Fear, Anxiety, and the HPA Axis

To begin it must be made evident that Fear and Anxiety are in a sense necessary. We as humans thrive as a species because we have this innate response to fearful experiences. Our fears are responsible for activating the Hypothalamic-Pituitary-Axis (HPA) to elicit a stress response. This stress response allows our bodies to meet the needs of the stressful system to survive. The sympathetic response accounts for the adrenaline-like feeling we experience that can be described by elevated heartrate, respiratory rate, dilated pupils, and several other visceral responses. Most often, these responses are successful in helping us in acute fear eliciting instances.

The issue arises from the constant state of a fearful response which derives from anxiety. Anxiety is the state of worry that we might encounter our fears throughout our normal day of life. In some respects, this is a very helpful tool because it aids in keeping us alert when we are performing stressful tasks such as driving in the winter. The problem comes when our minds hold on to the anxious state during times that we should be in a parasympathetic state, or rest and digest as many might say. Many soldiers that come home from war experience this constant state of anxiety or in other diagnostic terms, post-traumatic stress disorder (PTSD).

PTSD is a common unfortunate burden soldiers bring home from wars that without proper coping or diagnosis can lead to severe issues. The problem in many cases of PTSD is the sudden sounds that elicit trained responses in these men and women causing them to act as they may have been trained to be prepared for combat. Furthermore, this issue leads them to further disorder such as chronic stress and depression.

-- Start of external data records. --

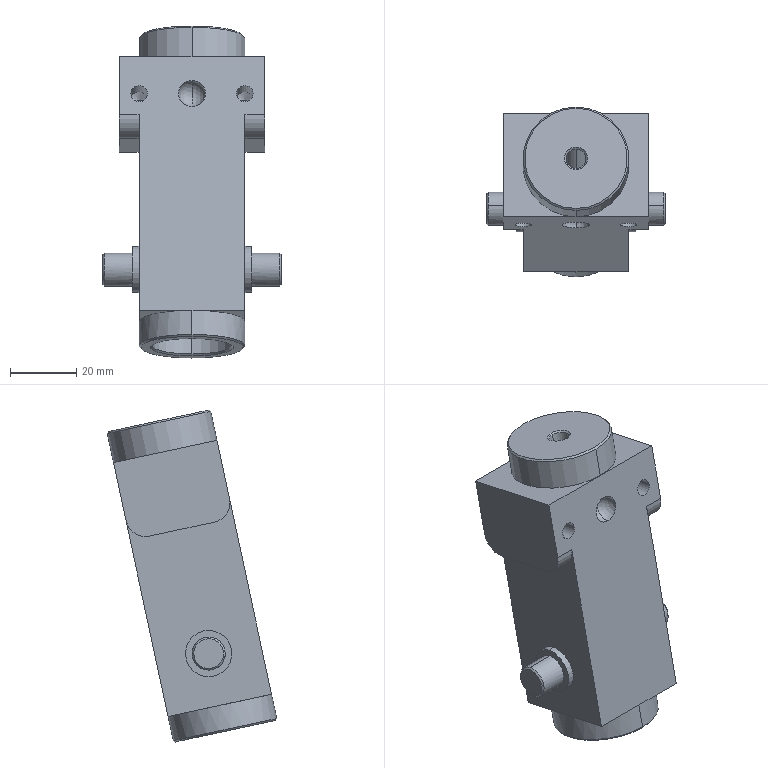Component | SolidWorks | Ornament-1 | 1 solid | 64 faces | box 54 x 51.24 x 100.37 mm | volume 75883 mm3 | cylinder 24 | plane 20 | cone 18 | sphere 2 | commonest cylinder face diameters 5 x4 10 x4 14 x4 32 x4 12 x4 6 x2 24 x2
build123d program:
from build123d import *

# Parameters (mm, degrees)
SKETCH1_2_W                   = 32
SKETCH1_2_H                   = 78.5
BOSS_EXTRUDE1_DEPTH           = 32
SKETCH2_R                     = 16
BOSS_EXTRUDE2_DEPTH           = 9.5
BOSS_EXTRUDE3_START           = 8
SKETCH3_R                     = 16
BOSS_EXTRUDE3_DEPTH           = 8
SKETCH4_W                     = 32
SKETCH4_H                     = 24
BOSS_EXTRUDE4_DEPTH           = 6
FILLET1_R                     = 6
FILLET1_OF_MIRROR1_R          = 6
SKETCH5_R                     = 7
BOSS_EXTRUDE5_DEPTH           = 2
SKETCH6_R                     = 5
BOSS_EXTRUDE6_DEPTH           = 9
SIZE_MM_DOWEL_PIN_HOLE1_D     = 24
SIZE_MM_DOWEL_PIN_HOLE1_DEPTH = 60
SIZE_MM_DOWEL_PIN_HOLE1_TIP   = 7.21
SIZE_MM_DOWEL_PIN_HOLE2_D     = 6
M6_TAPPED_HOLE1_D             = 5
M6_TAPPED_HOLE1_DEPTH         = 9
M6_TAPPED_HOLE1_TIP           = 1.502
CHAMFER1_SIZE                 = 0.5


with BuildPart() as part:
    # Sketch1_2 → Boss-Extrude1 (new body)
    with BuildSketch(Plane.XY):
        Rectangle(SKETCH1_2_W, SKETCH1_2_H)
    extrude(amount=BOSS_EXTRUDE1_DEPTH)

    # Sketch2 → Boss-Extrude2 (add)
    with BuildSketch(Plane(origin=(0, 39.25, 0), x_dir=(1, 0, 0), z_dir=(0, 1, 0))):
        with Locations(Location((0, -16, 0), (0, 0, 270))):
            Circle(SKETCH2_R)
    extrude(amount=BOSS_EXTRUDE2_DEPTH)

    # Sketch3 → Boss-Extrude3 (add)
    with BuildSketch(Plane.XZ.offset(39.25).offset(BOSS_EXTRUDE3_START)):
        with Locations(Location((0, 16, 0), (0, 0, 90))):
            Circle(SKETCH3_R)
    extrude(amount=-BOSS_EXTRUDE3_DEPTH)

    # Sketch4 → Boss-Extrude4 (add)
    with BuildSketch(Plane.ZY.offset(16)):
        with Locations((16, 27.25)):
            Rectangle(SKETCH4_W, SKETCH4_H)
    boss_extrude4 = extrude(amount=BOSS_EXTRUDE4_DEPTH)

    # Fillet1
    fillet1_edges = [part.edges().sort_by_distance(p)[0] for p in [
        (-19, 15.25, 0),
        (-19, 15.25, 32),
    ]]
    fillet(fillet1_edges, radius=FILLET1_R)

    # Mirror1: Boss-Extrude4 across plane
    add(boss_extrude4.mirror(Plane.ZY))

    # Fillet1 of Mirror1
    fillet1_of_mirror1_edges = [part.edges().sort_by_distance(p)[0] for p in [
        (19, 15.25, 0),
        (19, 15.25, 32),
    ]]
    fillet(fillet1_of_mirror1_edges, radius=FILLET1_OF_MIRROR1_R)

    # Sketch5 → Boss-Extrude5 (add)
    with BuildSketch(Plane.ZY.offset(16)):
        with Locations(Location((16, -23.25, 0), (0, 0, 90))):
            Circle(SKETCH5_R)
    boss_extrude5 = extrude(amount=BOSS_EXTRUDE5_DEPTH)

    # Sketch6 → Boss-Extrude6 (add)
    with BuildSketch(Plane.ZY.offset(18)):
        with Locations(Location((16, -23.25, 0), (0, 0, 270))):
            Circle(SKETCH6_R)
    boss_extrude6 = extrude(amount=BOSS_EXTRUDE6_DEPTH)

    # Mirror2: Boss-Extrude5, Boss-Extrude6 across plane
    add(boss_extrude5.mirror(Plane.ZY))
    add(boss_extrude6.mirror(Plane.ZY))

    # Size mm Dowel Pin Hole1
    with Locations(Plane(origin=(0, -47.25, 0), x_dir=(-1, 0, 0), z_dir=(0, -1, 0))):
        with Locations((0, -16)):
            Hole(SIZE_MM_DOWEL_PIN_HOLE1_D / 2, depth=SIZE_MM_DOWEL_PIN_HOLE1_DEPTH)
            with Locations((0, 0, -(SIZE_MM_DOWEL_PIN_HOLE1_DEPTH + SIZE_MM_DOWEL_PIN_HOLE1_TIP / 2))):  # 118° drill point
                Cone(0, SIZE_MM_DOWEL_PIN_HOLE1_D / 2, SIZE_MM_DOWEL_PIN_HOLE1_TIP, mode=Mode.SUBTRACT)

    # Size mm Dowel Pin Hole2 (through all)
    with Locations(Plane(origin=(0, 48.75, 0), x_dir=(1, 0, 0), z_dir=(0, 1, 0))):
        with Locations((0, -16)):
            Hole(SIZE_MM_DOWEL_PIN_HOLE2_D / 2)

    # Sketch13 → Cut-Revolve1 (revolve, cut)
    with BuildSketch(Plane.ZY):
        with BuildLine():
            Line((0, 31.8), (0, 23.7))
            ThreePointArc((0, 23.7), (4.05, 27.75), (0, 31.8))
        make_face()
    revolve(axis=Axis((0, 31.8, 0), (0, -1, 0)), mode=Mode.SUBTRACT)

    # M6 Tapped Hole1
    with Locations(Plane(origin=(0, 0, 0), x_dir=(-1, 0, 0), z_dir=(0, 0, -1))):
        with Locations((-16, 27.75), (16, 27.75)):
            Hole(M6_TAPPED_HOLE1_D / 2, depth=M6_TAPPED_HOLE1_DEPTH)
            with Locations((0, 0, -(M6_TAPPED_HOLE1_DEPTH + M6_TAPPED_HOLE1_TIP / 2))):  # 118° drill point
                Cone(0, M6_TAPPED_HOLE1_D / 2, M6_TAPPED_HOLE1_TIP, mode=Mode.SUBTRACT)

    # Chamfer1
    chamfer1_edges = [part.edges().sort_by_distance(p)[0] for p in [
        (-27, -18.25, 16),
        (27, -18.25, 16),
        (-12, -47.25, 16),
        (3, 48.75, 16),
        (0, 48.75, 0),
        (0, -47.25, 0),
    ]]
    chamfer(chamfer1_edges, length=CHAMFER1_SIZE)


solid = part.part

# Placed as in the assembly
solid = solid.moved(Location((111.296, 66.242, 464.764), (-102.127, 0, -180)))

Anxiety for most can be treated using several different methods, behavioral as well as pharmaceutical. Most commonly benzodiazepines are used as a treatment method for anxiety because it acts as an inhibitor of the system that activates sympathetic responses, leaving a more relaxed feeling instead of a stressful one.

Paired with anxiety that makes it such a harsh disorder is the fact that anxiety plays a huge role in memory formation. Being that fear is an innate trait we all have keeping us prepared for a stressful situation, we rely on memory to aid in recognizing dangerous situations. Long term potentiations play a dire role in memory formation due to the fact that they increase the ease of communication between our neuronal synapses especially in the hippocampus where we store our memories. The issue comes into play as we are not able to turn off these memories when we feel that they are causing great anxiety when a restful state is what should be called for. This is the ultimate unfortunate fact that those with great anxiety face as there is no cure for overactive memories especially those that cause us the greatest distress. Thankfully, behavioral therapy as well as mindfulness can help us cope with this burden as we attempt to carry on with normal day to day tasks.